Es ist eine romantische Vorstellung, dass Rechtsanwälte vor allem dem Recht verpflichtet sind. Die Vorstellung vom „Organ der Rechtspflege“ ist in der Realität längst überholt. Anwälte vertreten in erster Linie die Interessen ihrer Mandanten.

Besonders ausgeprägt ist dieses Verständnis bei den Wirtschaftsanwälten. In der Welt großer Transaktionen, von Börsengängen und komplizierten Steuerkonstruktionen dominieren internationale Kanzleien, mit Standorten in vielen Ländern.

Ein wesentlicher Treiber ihres Geschäfts ist das Streben nach möglichst profitablen Mandaten. Es gilt das Prinzip: höher, schneller, weiter. Auf der Jagd nach immer mehr Gewinn – pro Freshfields-Partner sind es laut Branchendienst Juve aktuell rund zwei Millionen Euro – verliert das Recht selbst seinen Charme.

Vor dem Hintergrund der Cum-Ex-Beratung klingt es wie Hohn, wenn Freshfields in seiner Selbstbeschreibung bekundet, sein Geschäft so zu betreiben, dass es einen „langfristigen positiven Effekt auf die Gesellschaft“ hat. In der Kanzlei gab und gibt es in Wahrheit offenbar kein Korrektiv, das moralisch unvertretbare Mandate verhindert.

Der Fall Freshfields ist besonders pikant, weil die Sozietät immer wieder Aufträge von der öffentlichen Hand bekam und bekommt. So waren es ausgerechnet Freshfields-Anwälte, die einen wichtigen Beitrag zur Entwicklung des Finanzmarktstabilisierungsgesetzes leisteten.

Es gibt Kanzleien, die sich ganz bewusst dagegen entschieden hatten, in das vermeintlich lukrative Cum-Ex-Geschäft einzusteigen.

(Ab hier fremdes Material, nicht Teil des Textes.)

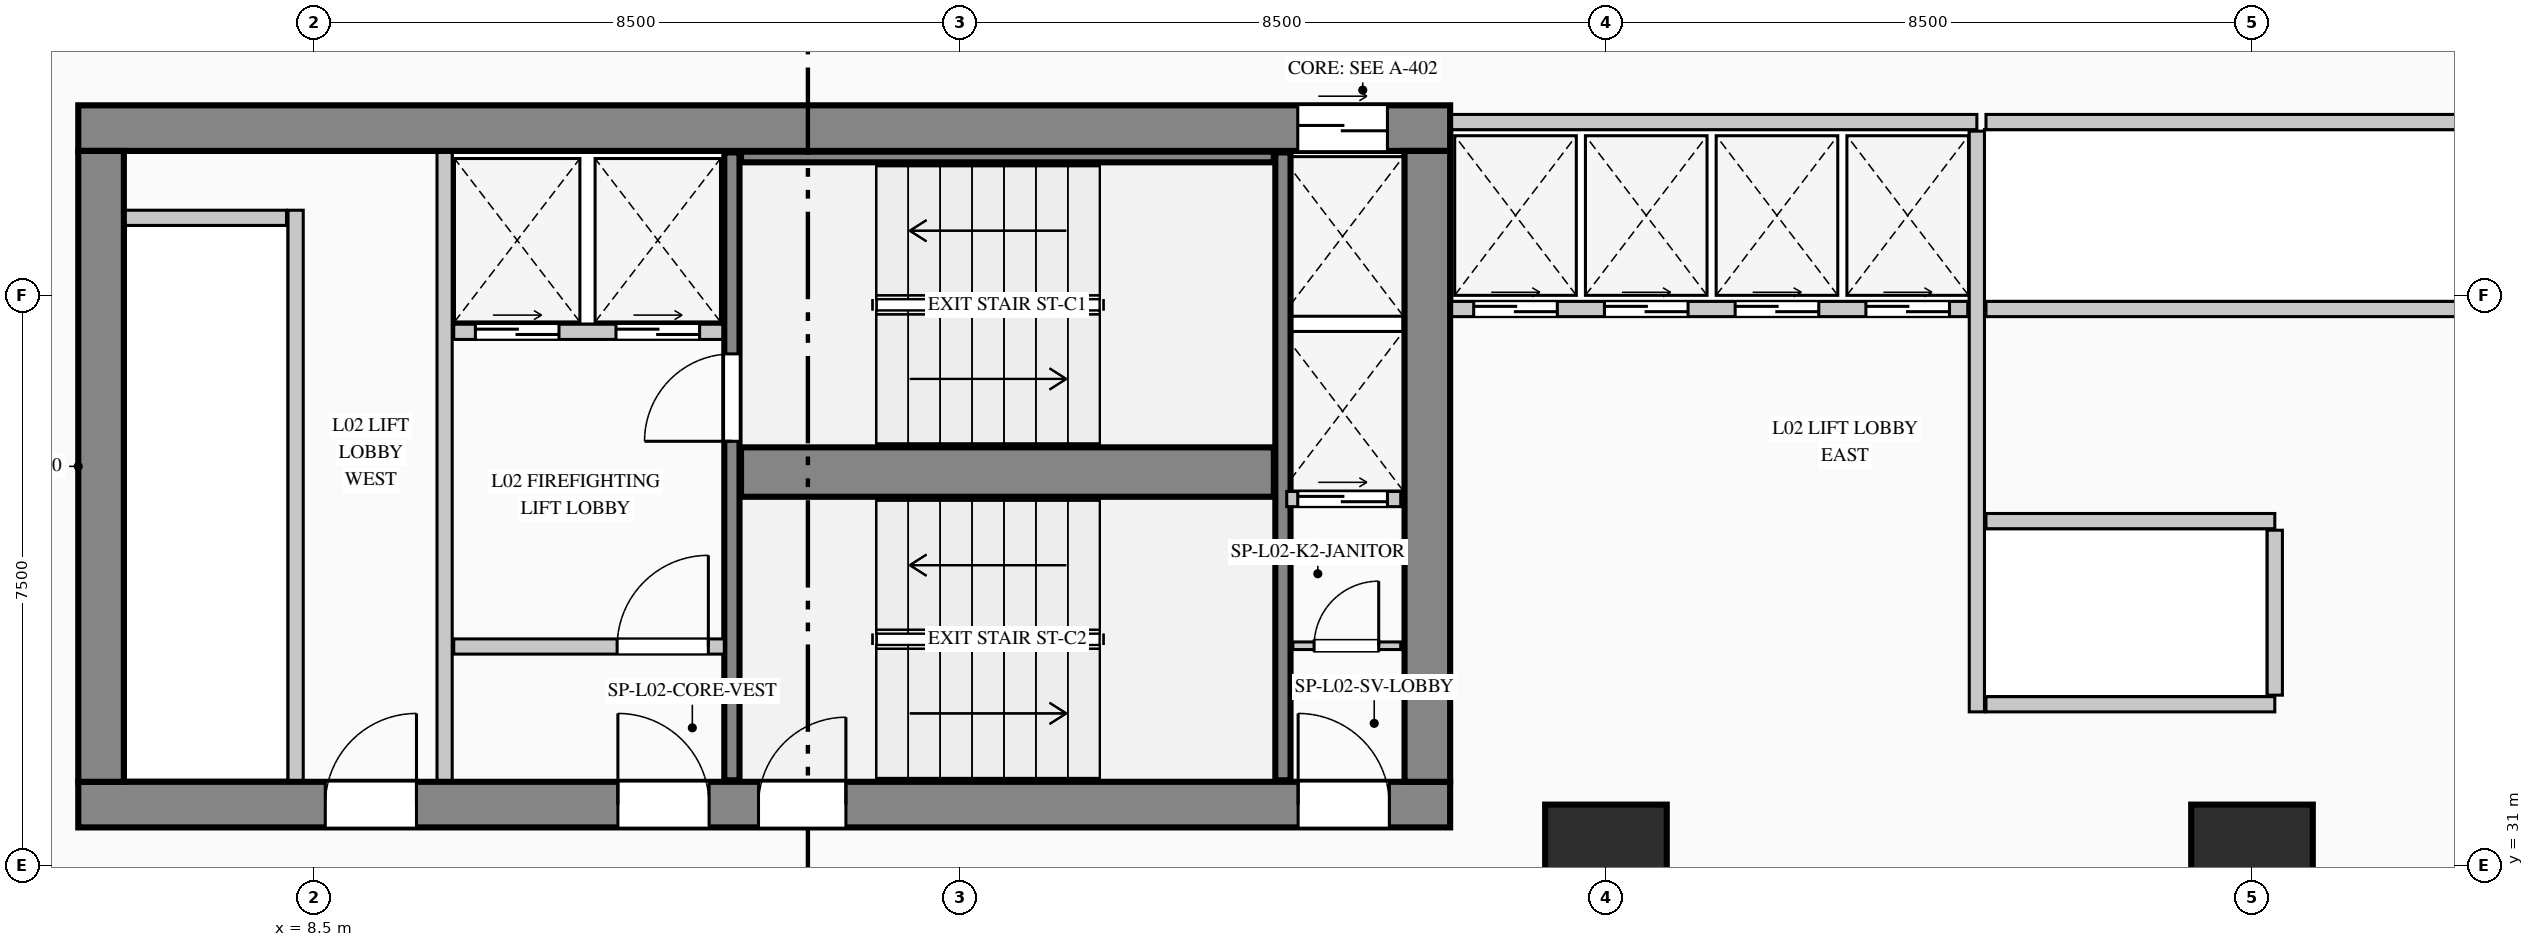
"""IFC4 building model, lengths in metres.
Left out: names, types, materials, properties, quantities, classifications, styles, units other than length and angle.
Written with IfcOpenShell. Run it as: python <this file> out.ifc"""

import sys

from ifc_helpers import new_model, si_unit, direction, frame, frame_2d, origin, origin_2d, place, context, subcontext, project, spatial, rectangle, extrude, element, fill, save


model = new_model("IFC4")
c1 = context("Model", 3, precision=1e-05, world=origin(), true_north=direction((0.0, 1.0)))
c2 = subcontext(c1, "Body", "Model", "MODEL_VIEW")
j1 = project(units=[si_unit("LENGTHUNIT", "METRE"), si_unit("PLANEANGLEUNIT", "RADIAN")], contexts=[c1])
p1 = place(None, origin())
s1 = spatial("IfcSite", under=j1, at=p1, CompositionType="ELEMENT")
p2 = place(p1, origin())
s2 = spatial("IfcBuilding", under=s1, at=p2, CompositionType="ELEMENT")
p3 = place(p2, frame((0.0, 0.0, 5.4)))
s3 = spatial("IfcBuildingStorey", under=s2, at=p3, CompositionType="ELEMENT", Elevation=5.4)
p4 = place(p3, frame((5.4, 40.7, 0.0), z_axis=(0.0, 0.0, 1.0), x_axis=(1.0, 0.0, 0.0)))
e1 = element("IfcWall", 1, at=p4, inside=s3, PredefinedType="SHEAR", context=c2, shape_type="SweptSolid", body=[
    extrude(rectangle(XDim=18.05, YDim=0.6, at=frame_2d((9.025, 0.0))), origin(), (0.0, 0.0, 1.0), 5.4),
])
p5 = place(p4, frame((16.045, 0.0, 0.0)))
e2 = element("IfcOpeningElement", 2, at=p5, cuts=e1, PredefinedType="OPENING", context=c2, shape_type="SweptSolid", body=[
    extrude(rectangle(XDim=1.18, YDim=2.25, at=frame_2d((0.59, 1.125))), frame((0.0, 0.31, 0.0), z_axis=(0.0, -1.0, 0.0), x_axis=(1.0, 0.0, 0.0)), (0.0, 0.0, 1.0), 0.62),
])
p6 = place(p3, frame((5.4, 31.8, 0.0), z_axis=(0.0, 0.0, 1.0), x_axis=(1.0, 0.0, 0.0)))
e3 = element("IfcWall", 3, at=p6, inside=s3, PredefinedType="SHEAR", context=c2, shape_type="SweptSolid", body=[
    extrude(rectangle(XDim=18.05, YDim=0.6, at=frame_2d((9.025, 0.0))), origin(), (0.0, 0.0, 1.0), 5.4),
])
p7 = place(p6, frame((3.25, 0.0, 0.0)))
e4 = element("IfcOpeningElement", 4, at=p7, cuts=e3, PredefinedType="OPENING", context=c2, shape_type="SweptSolid", body=[
    extrude(rectangle(XDim=1.2, YDim=2.2, at=frame_2d((0.6, 1.1))), frame((0.0, 0.31, 0.0), z_axis=(0.0, -1.0, 0.0), x_axis=(1.0, 0.0, 0.0)), (0.0, 0.0, 1.0), 0.62),
])
p8 = place(p6, frame((7.1, 0.0, 0.0)))
e5 = element("IfcOpeningElement", 5, at=p8, cuts=e3, PredefinedType="OPENING", context=c2, shape_type="SweptSolid", body=[
    extrude(rectangle(XDim=1.2, YDim=2.2, at=frame_2d((0.6, 1.1))), frame((0.0, 0.31, 0.0), z_axis=(0.0, -1.0, 0.0), x_axis=(1.0, 0.0, 0.0)), (0.0, 0.0, 1.0), 0.62),
])
p9 = place(p6, frame((8.95, 0.0, 0.0)))
e6 = element("IfcOpeningElement", 6, at=p9, cuts=e3, PredefinedType="OPENING", context=c2, shape_type="SweptSolid", body=[
    extrude(rectangle(XDim=1.15, YDim=2.2, at=frame_2d((0.575, 1.1))), frame((0.0, 0.31, 0.0), z_axis=(0.0, -1.0, 0.0), x_axis=(1.0, 0.0, 0.0)), (0.0, 0.0, 1.0), 0.62),
])
p10 = place(p6, frame((16.05, 0.0, 0.0)))
e7 = element("IfcOpeningElement", 7, at=p10, cuts=e3, PredefinedType="OPENING", context=c2, shape_type="SweptSolid", body=[
    extrude(rectangle(XDim=1.2, YDim=2.2, at=frame_2d((0.6, 1.1))), frame((0.0, 0.31, 0.0), z_axis=(0.0, -1.0, 0.0), x_axis=(1.0, 0.0, 0.0)), (0.0, 0.0, 1.0), 0.62),
])
for number, where, z_axis, x_axis in (
    (8, (5.7, 32.1, 0.0), (0.0, 0.0, 1.0), (0.0, 1.0, 0.0)),
    (9, (23.15, 32.1, 0.0), (0.0, 0.0, 1.0), (0.0, 1.0, 0.0)),
):
    element("IfcWall", number, at=place(p3, frame(where, z_axis=z_axis, x_axis=x_axis)), inside=s3, PredefinedType="SHEAR", context=c2, shape_type="SweptSolid", body=[
        extrude(rectangle(XDim=8.3, YDim=0.6, at=frame_2d((4.15, 0.0))), origin(), (0.0, 0.0, 1.0), 5.4),
    ])
p11 = place(p3, frame((14.0, 32.12, 0.0), z_axis=(0.0, 0.0, 1.0), x_axis=(0.0, 1.0, 0.0)))
e10 = element("IfcWall", 10, at=p11, inside=s3, PredefinedType="SHEAR", context=c2, shape_type="SweptSolid", body=[
    extrude(rectangle(XDim=8.26, YDim=0.2, at=frame_2d((4.13, 0.0))), origin(), (0.0, 0.0, 1.0), 5.4),
])
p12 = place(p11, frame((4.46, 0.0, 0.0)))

Die deutsche Steuerpraxis von Linklaters hielt sich davon ebenso fern wie Hengeler Mueller oder Flick Gocke Schaumburg.

Das war eine weise Entscheidung. Diese Kanzleien stehen jetzt bei der Aufarbeitung des Skandals an vorderster Stelle. Ihre Beispiele zeigen: Am Ende kann es sogar lohnend sein, einen moralischen Kompass zu haben.